Orcastration
Docker Swarm GUI Tool: Visualize your Docker Swarm with powerful metrics.
Introducing Docker Swarm
Docker Swarm is a powerful container orchestration tool that simplifies the management and deployment of multiple Docker containers as a cohesive service. Its key strength lies in its ability to efficiently orchestrate containerized applications across a distributed system.
The Problem: Managing and Visualizing Docker Swarm
The task of managing and visualizing Docker Swarm nodes, container metrics, and health statistics can be highly challenging. As the scale of deployment increases, it becomes increasingly complex to keep track of numerous nodes, tasks, and containers that need to be managed effectively.
The command-line interface provided by Docker Swarm can be tedious and error-prone, particularly when dealing with large-scale deployments. Furthermore, gaining insights into the health and performance of Swarm nodes and containers can be a difficult task without appropriate visualization tools. While solutions like Prometheus with Grafana exist in the market, they often require a steep learning curve and can consume valuable time.
Introducing Orcastration: A Solution for Docker Swarm Visualization
Orcastration, a Docker Swarm visualization tool, addresses these challenges by providing users with real-time visibility into their containers within Docker Swarm. It also offers metric information and health status for the containers. By monitoring the health and status of containers, users can proactively identify and address potential issues before they lead to disruptions or downtime.
Unlike traditional methods that involve executing numerous Docker terminal commands to view container metrics, Orcastration offers a simplified approach. This user-friendly tool allows you to easily visualize the nodes in your Docker Swarm cluster, along with metrics and health status for your running tasks and containers. With Orcastration, identifying and resolving issues becomes a seamless process, enabling smoother operations and increased productivity. Read more about the product here at Orcastration.

My Contributions to Orcastration
I played a significant role in the development of Orcastration, contributing across the full stack and driving the release of the beta version under OSLabs. Building this product from the ground up required wearing multiple hats and involved various tasks.
To achieve real-time streaming of numerous nodes, I developed an optimized backend process. This modular backend process effectively parsed Docker Swarm node and container data from the Docker daemon, reformatted it, and stored it in our database. To ensure robust functionality and reduced server latency, I leveraged Node.js and Express, employing middleware design, testing, and error-handling patterns. Additionally, I set up multiple Docker containers and Docker Swarm instances, implementing health checks to simulate container and swarm environments for testing and development. For API development, I utilized Postman, while Jest and Cypress facilitated testing to enhance team collaboration, scalability, and quality assurance.

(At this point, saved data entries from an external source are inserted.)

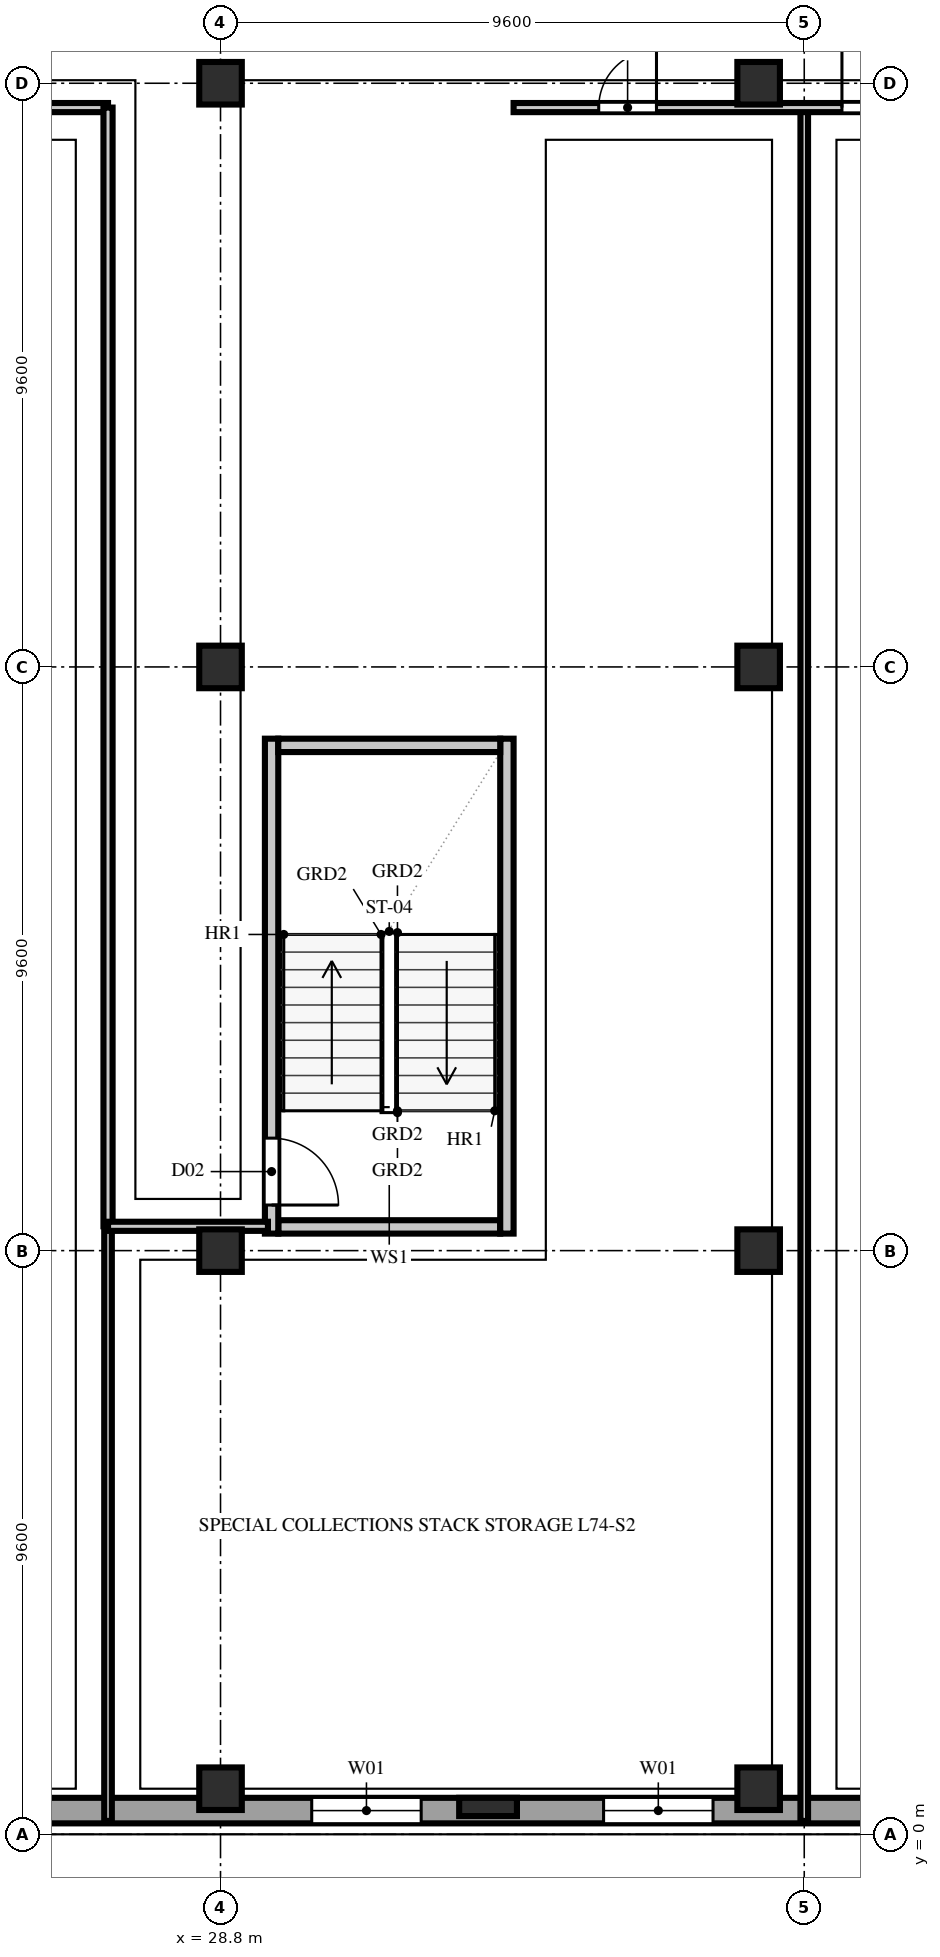
"""IFC4 building model, lengths in metres.
Left out: names, types, materials, properties, quantities, classifications, styles, units other than length and angle.
Written with IfcOpenShell. Run it as: python <this file> out.ifc"""

import sys

from ifc_helpers import new_model, si_unit, direction, frame, frame_2d, origin, origin_2d, place, context, subcontext, project, spatial, rectangle, extrude, element, fill, save


model = new_model("IFC4")
c1 = context("Model", 3, precision=1e-05, world=origin(), true_north=direction((0.0, 1.0)))
c2 = subcontext(c1, "Body", "Model", "MODEL_VIEW")
j1 = project(units=[si_unit("LENGTHUNIT", "METRE"), si_unit("PLANEANGLEUNIT", "RADIAN")], contexts=[c1])
p1 = place(None, origin())
s1 = spatial("IfcSite", under=j1, at=p1, CompositionType="ELEMENT")
p2 = place(p1, origin())
s2 = spatial("IfcBuilding", under=s1, at=p2, CompositionType="ELEMENT")
p3 = place(p2, frame((0.0, 0.0, 292.4)))
s3 = spatial("IfcBuildingStorey", under=s2, at=p3, CompositionType="ELEMENT", Elevation=292.4)
for number, where, z_axis, x_axis in (
    (1, (28.8, 0.75, 0.0), (0.0, 0.0, 1.0), (1.0, 0.0, 0.0)),
    (2, (28.8, 9.6, 0.0), (0.0, 0.0, 1.0), (1.0, 0.0, 0.0)),
    (3, (28.8, 19.2, 0.0), (0.0, 0.0, 1.0), (1.0, 0.0, 0.0)),
    (4, (28.8, 28.8, 0.0), (0.0, 0.0, 1.0), (1.0, 0.0, 0.0)),
    (5, (37.65, 0.75, 0.0), (0.0, 0.0, 1.0), (1.0, 0.0, 0.0)),
    (6, (37.65, 9.6, 0.0), (0.0, 0.0, 1.0), (1.0, 0.0, 0.0)),
    (7, (37.65, 19.2, 0.0), (0.0, 0.0, 1.0), (1.0, 0.0, 0.0)),
    (8, (37.65, 28.8, 0.0), (0.0, 0.0, 1.0), (1.0, 0.0, 0.0)),
):
    element("IfcColumn", number, at=place(p3, frame(where, z_axis=z_axis, x_axis=x_axis)), inside=s3, PredefinedType="COLUMN", context=c2, shape_type="SweptSolid", body=[
        extrude(rectangle(XDim=0.7, YDim=0.7, at=origin_2d()), origin(), (0.0, 0.0, 1.0), 3.8),
    ])
p4 = place(p3, frame((33.2, 0.45, 0.0), z_axis=(0.0, 0.0, 1.0), x_axis=(1.0, 0.0, 0.0)))
e9 = element("IfcColumn", 9, at=p4, inside=s3, PredefinedType="PILASTER", context=c2, shape_type="SweptSolid", body=[
    extrude(rectangle(XDim=0.95, YDim=0.3, at=origin_2d()), origin(), (0.0, 0.0, 1.0), 3.8),
])
p5 = place(p3, frame((1.84, 0.39, 0.0), z_axis=(0.0, 0.0, 1.0), x_axis=(1.0, 0.0, 0.0)))
e10 = element("IfcWall", 10, at=p5, inside=s3, PredefinedType="SOLIDWALL", context=c2, shape_type="SweptSolid", body=[
    extrude(rectangle(XDim=44.32, YDim=0.42, at=frame_2d((22.16, 0.0))), origin(), (0.0, 0.0, 1.0), 3.54),
])
p6 = place(p5, frame((4.46, 0.0, 0.85)))
e11 = element("IfcOpeningElement", 11, at=p6, cuts=e10, PredefinedType="OPENING", context=c2, shape_type="SweptSolid", body=[
    extrude(rectangle(XDim=1.8, YDim=1.85, at=frame_2d((0.9, 0.925))), frame((0.0, 0.222, 0.0), z_axis=(0.0, -1.0, 0.0), x_axis=(1.0, 0.0, 0.0)), (0.0, 0.0, 1.0), 0.444),
])
p7 = place(p5, frame((9.26, 0.0, 0.85)))
e12 = element("IfcOpeningElement", 12, at=p7, cuts=e10, PredefinedType="OPENING", context=c2, shape_type="SweptSolid", body=[
    extrude(rectangle(XDim=1.8, YDim=1.85, at=frame_2d((0.9, 0.925))), frame((0.0, 0.222, 0.0), z_axis=(0.0, -1.0, 0.0), x_axis=(1.0, 0.0, 0.0)), (0.0, 0.0, 1.0), 0.444),
])
p8 = place(p5, frame((18.86, 0.0, 0.85)))
e13 = element("IfcOpeningElement", 13, at=p8, cuts=e10, PredefinedType="OPENING", context=c2, shape_type="SweptSolid", body=[
    extrude(rectangle(XDim=1.8, YDim=1.85, at=frame_2d((0.9, 0.925))), frame((0.0, 0.222, 0.0), z_axis=(0.0, -1.0, 0.0), x_axis=(1.0, 0.0, 0.0)), (0.0, 0.0, 1.0), 0.444),
])
p9 = place(p5, frame((28.46, 0.0, 0.85)))
e14 = element("IfcOpeningElement", 14, at=p9, cuts=e10, PredefinedType="OPENING", context=c2, shape_type="SweptSolid", body=[
    extrude(rectangle(XDim=1.8, YDim=1.85, at=frame_2d((0.9, 0.925))), frame((0.0, 0.222, 0.0), z_axis=(0.0, -1.0, 0.0), x_axis=(1.0, 0.0, 0.0)), (0.0, 0.0, 1.0), 0.444),
])
p10 = place(p5, frame((33.26, 0.0, 0.85)))
e15 = element("IfcOpeningElement", 15, at=p10, cuts=e10, PredefinedType="OPENING", context=c2, shape_type="SweptSolid", body=[
    extrude(rectangle(XDim=1.8, YDim=1.85, at=frame_2d((0.9, 0.925))), frame((0.0, 0.222, 0.0), z_axis=(0.0, -1.0, 0.0), x_axis=(1.0, 0.0, 0.0)), (0.0, 0.0, 1.0), 0.444),
])
p11 = place(p5, frame((38.06, 0.0, 0.85)))
e16 = element("IfcOpeningElement", 16, at=p11, cuts=e10, PredefinedType="OPENING", context=c2, shape_type="SweptSolid", body=[
    extrude(rectangle(XDim=1.8, YDim=1.85, at=frame_2d((0.9, 0.925))), frame((0.0, 0.222, 0.0), z_axis=(0.0, -1.0, 0.0), x_axis=(1.0, 0.0, 0.0)), (0.0, 0.0, 1.0), 0.444),
])
p12 = place(p3, frame((29.75, 9.99, 0.0), z_axis=(0.0, 0.0, 1.0), x_axis=(1.0, 0.0, 0.0)))
e17 = element("IfcWall", 17, at=p12, inside=s3, PredefinedType="SOLIDWALL", context=c2, shape_type="SweptSolid", body=[
    extrude(rectangle(XDim=3.65, YDim=0.22, at=frame_2d((1.825, 0.0))), origin(), (0.0, 0.0, 1.0), 3.54),
])
p13 = place(p3, frame((29.64, 9.88, 0.0), z_axis=(0.0, 0.0, 1.0), x_axis=(0.0, 1.0, 0.0)))
e18 = element("IfcWall", 18, at=p13, inside=s3, PredefinedType="SOLIDWALL", context=c2, shape_type="SweptSolid", body=[
    extrude(rectangle(XDim=8.14, YDim=0.22, at=frame_2d((4.07, 0.0))), origin(), (0.0, 0.0, 1.0), 3.54),
])
p14 = place(p13, frame((0.47, 0.0, 0.0)))
e19 = element("IfcOpeningElement", 19, at=p14, cuts=e18, PredefinedType="OPENING", context=c2, shape_type="SweptSolid", body=[
    extrude(rectangle(XDim=1.1, YDim=2.2, at=frame_2d((0.55, 1.1))), frame((0.0, 0.122, 0.0), z_axis=(0.0, -1.0, 0.0), x_axis=(1.0, 0.0, 0.0)), (0.0, 0.0, 1.0), 0.244),
])
p15 = place(p3, frame((33.51, 9.88, 0.0), z_axis=(0.0, 0.0, 1.0), x_axis=(0.0, 1.0, 0.0)))
e20 = element("IfcWall", 20, at=p15, inside=s3, PredefinedType="SOLIDWALL", context=c2, shape_type="SweptSolid", body=[
    extrude(rectangle(XDim=8.14, YDim=0.22, at=frame_2d((4.07, 0.0))), origin(), (0.0, 0.0, 1.0), 3.54),
])
p16 = place(p3, frame((29.75, 17.91, 0.0), z_axis=(0.0, 0.0, 1.0), x_axis=(1.0, 0.0, 0.0)))
e21 = element("IfcWall", 21, at=p16, inside=s3, PredefinedType="SOLIDWALL", context=c2, shape_type="SweptSolid", body=[
    extrude(rectangle(XDim=3.65, YDim=0.22, at=frame_2d((1.825, 0.0))), origin(), (0.0, 0.0, 1.0), 3.54),
])
p17 = place(p3, frame((19.2, 28.4, 0.0), z_axis=(0.0, 0.0, 1.0), x_axis=(1.0, 0.0, 0.0)))
e22 = element("IfcWall", 22, at=p17, inside=s3, PredefinedType="PARTITIONING", context=c2, shape_type="SweptSolid", body=[
    extrude(rectangle(XDim=7.75, YDim=0.15, at=frame_2d((3.875, 0.0))), origin(), (0.0, 0.0, 1.0), 3.54),
])
p18 = place(p17, frame((2.8, 0.0, 0.0)))
e23 = element("IfcOpeningElement", 23, at=p18, cuts=e22, PredefinedType="OPENING", context=c2, shape_type="SweptSolid", body=[
    extrude(rectangle(XDim=0.95, YDim=2.15, at=frame_2d((0.475, 1.075))), frame((0.0, 0.087, 0.0), z_axis=(0.0, -1.0, 0.0), x_axis=(1.0, 0.0, 0.0)), (0.0, 0.0, 1.0), 0.174),
])
p19 = place(p3, frame((26.95, 0.22, 0.0), z_axis=(0.0, 0.0, 1.0), x_axis=(0.0, 1.0, 0.0)))
e24 = element("IfcWall", 24, at=p19, inside=s3, PredefinedType="PARTITIONING", context=c2, shape_type="SweptSolid", body=[
    extrude(rectangle(XDim=9.78, YDim=0.125, at=frame_2d((4.89, 0.0))), origin(), (0.0, 0.0, 1.0), 3.54),
])
p20 = place(p3, frame((26.95, 10.0, 0.0), z_axis=(0.0, 0.0, 1.0), x_axis=(0.0, 1.0, 0.0)))
e25 = element("IfcWall", 25, at=p20, inside=s3, PredefinedType="PARTITIONING", context=c2, shape_type="SweptSolid", body=[
    extrude(rectangle(XDim=18.4, YDim=0.15, at=frame_2d((9.2, 0.0))), origin(), (0.0, 0.0, 1.0), 3.54),
])
p21 = place(p3, frame((26.95, 10.0, 0.0), z_axis=(0.0, 0.0, 1.0), x_axis=(1.0, 0.0, 0.0)))
e26 = element("IfcWall", 26, at=p21, inside=s3, PredefinedType="PARTITIONING", context=c2, shape_type="SweptSolid", body=[
    extrude(rectangle(XDim=2.63, YDim=0.15, at=frame_2d((1.315, 0.0))), origin(), (0.0, 0.0, 1.0), 3.54),
])
p22 = place(p3, frame((38.4, 0.22, 0.0), z_axis=(0.0, 0.0, 1.0), x_axis=(0.0, 1.0, 0.0)))
e27 = element("IfcWall", 27, at=p22, inside=s3, PredefinedType="PARTITIONING", context=c2, shape_type="SweptSolid", body=[
    extrude(rectangle(XDim=28.18, YDim=0.125, at=frame_2d((14.09, 0.0))), origin(), (0.0, 0.0, 1.0), 3.54),
])
p23 = place(p3, frame((33.62, 28.4, 0.0), z_axis=(0.0, 0.0, 1.0), x_axis=(1.0, 0.0, 0.0)))
e28 = element("IfcWall", 28, at=p23, inside=s3, PredefinedType="PARTITIONING", context=c2, shape_type="SweptSolid", body=[
    extrude(rectangle(XDim=14.16, YDim=0.15, at=frame_2d((7.08, 0.0))), origin(), (0.0, 0.0, 1.0), 3.54),
])
p24 = place(p23, frame((1.4, 0.0, 0.0)))
e29 = element("IfcOpeningElement", 29, at=p24, cuts=e28, PredefinedType="OPENING", context=c2, shape_type="SweptSolid", body=[
    extrude(rectangle(XDim=0.95, YDim=2.15, at=frame_2d((0.475, 1.075))), frame((0.0, 0.087, 0.0), z_axis=(0.0, -1.0, 0.0), x_axis=(1.0, 0.0, 0.0)), (0.0, 0.0, 1.0), 0.174),
])
p25 = place(p23, frame((5.4, 0.0, 0.0)))
e30 = element("IfcOpeningElement", 30, at=p25, cuts=e28, PredefinedType="OPENING", context=c2, shape_type="SweptSolid", body=[
    extrude(rectangle(XDim=0.95, YDim=2.15, at=frame_2d((0.475, 1.075))), frame((0.0, 0.087, 0.0), z_axis=(0.0, -1.0, 0.0), x_axis=(1.0, 0.0, 0.0)), (0.0, 0.0, 1.0), 0.174),
])
p26 = place(p9, origin())
e31 = element("IfcWindow", 31, at=p26, inside=s3, PartitioningType="DOUBLE_PANEL_VERTICAL", PredefinedType="WINDOW", context=c2, shape_type="SweptSolid", body=[
    extrude(rectangle(XDim=1.8, YDim=1.85, at=frame_2d((0.9, 0.925))), frame((0.0, 0.11, 0.0), z_axis=(0.0, -1.0, 0.0), x_axis=(1.0, 0.0, 0.0)), (0.0, 0.0, 1.0), 0.06),
])
fill(e14, e31)
p27 = place(p10, origin())
e32 = element("IfcWindow", 32, at=p27, inside=s3, PartitioningType="DOUBLE_PANEL_VERTICAL", PredefinedType="WINDOW", context=c2, shape_type="SweptSolid", body=[
    extrude(rectangle(XDim=1.8, YDim=1.85, at=frame_2d((0.9, 0.925))), frame((0.0, 0.11, 0.0), z_axis=(0.0, -1.0, 0.0), x_axis=(1.0, 0.0, 0.0)), (0.0, 0.0, 1.0), 0.06),
])
fill(e15, e32)
p28 = place(p14, frame((1.1, 0.0, 0.0), z_axis=(0.0, 0.0, 1.0), x_axis=(-1.0, 0.0, 0.0)))
e33 = element("IfcDoor", 33, at=p28, inside=s3, OperationType="SINGLE_SWING_RIGHT", PredefinedType="DOOR", context=c2, shape_type="SweptSolid", body=[
    extrude(rectangle(XDim=1.1, YDim=2.2, at=frame_2d((0.55, 1.1))), frame((0.0, 0.025, 0.0), z_axis=(0.0, -1.0, 0.0), x_axis=(1.0, 0.0, 0.0)), (0.0, 0.0, 1.0), 0.05),
])
fill(e19, e33)
p29 = place(p24, origin())
e34 = element("IfcDoor", 34, at=p29, inside=s3, OperationType="SINGLE_SWING_RIGHT", PredefinedType="DOOR", context=c2, shape_type="SweptSolid", body=[
    extrude(rectangle(XDim=0.95, YDim=2.15, at=frame_2d((0.475, 1.075))), frame((0.0, 0.025, 0.0), z_axis=(0.0, -1.0, 0.0), x_axis=(1.0, 0.0, 0.0)), (0.0, 0.0, 1.0), 0.05),
])
fill(e29, e34)
p30 = place(p25, origin())
e35 = element("IfcDoor", 35, at=p30, inside=s3, OperationType="SINGLE_SWING_LEFT", PredefinedType="DOOR", context=c2, shape_type="SweptSolid", body=[
    extrude(rectangle(XDim=0.95, YDim=2.15, at=frame_2d((0.475, 1.075))), frame((0.0, 0.025, 0.0), z_axis=(0.0, -1.0, 0.0), x_axis=(1.0, 0.0, 0.0)), (0.0, 0.0, 1.0), 0.05),
])
fill(e30, e35)
save(model, sys.argv[1])

On the frontend, I designed a highly performant and responsive user interface using Tailwind CSS. This approach maintained a consistent and efficient codebase by leveraging predefined classes. To facilitate real-time data streaming, I implemented the EventSource API, which enabled server-sent event protocols and dispatched container metrics and health data to the client. By following the observable design pattern, actionable alerts were created, empowering development teams to manage technical debt and make data-driven decisions. I also created custom Hooks to stream real-time information and utilized Chart.js to synthesize visual charts with live updates of Docker container metrics and health status. These enhancements significantly improved the user experience, allowing developers using Orcastration to monitor their Docker Swarm clusters in real-time, including dynamic container metrics such as CPU usage, network I/O, and health information.
Challenges Overcome
The development of Orcastration presented several challenges that I successfully addressed:
- Understanding Docker and Docker Swarm: Extensive research and documentation review were conducted to gain a deep understanding of Docker, Docker Swarm, and related concepts.
- Developing Data Parsing Algorithms: Carefully designed algorithms were implemented to parse data from the Docker daemon and map it to visualization charts. Choosing between the Docker API and the Docker Command Line Interface (CLI) involved considering security concerns and evaluating the pros and cons of each approach.
- Modularizing the Codebase: The codebase was organized into modular and reusable components, with special attention given to creating helper functions and defining the appropriate data structure for seamless integration with the Docker CLI.
- Meeting Deadlines and Refactoring: Balancing time constraints and sprint deadlines, the team initially focused on delivering a minimum viable product (MVP). Subsequent efforts were dedicated to refactoring the codebase to improve scalability and performance.
- Real-time Streaming of Docker Swarm Data: Implementing real-time streaming of Docker Swarm-specific data presented a unique challenge. The optimal solution was achieved by leveraging
Server-Sent Events(SSE), a stateless protocol that continuously streams data until closed. Evaluating alternative approaches such as long polling and bidirectional communication with websockets informed the decision-making process.
To learn more about the product, I invite you to read our Medium article. Orcastration represents a significant step forward in visualizing and managing Docker Swarm clusters, empowering developers to streamline their operations and make informed decisions based on real-time data.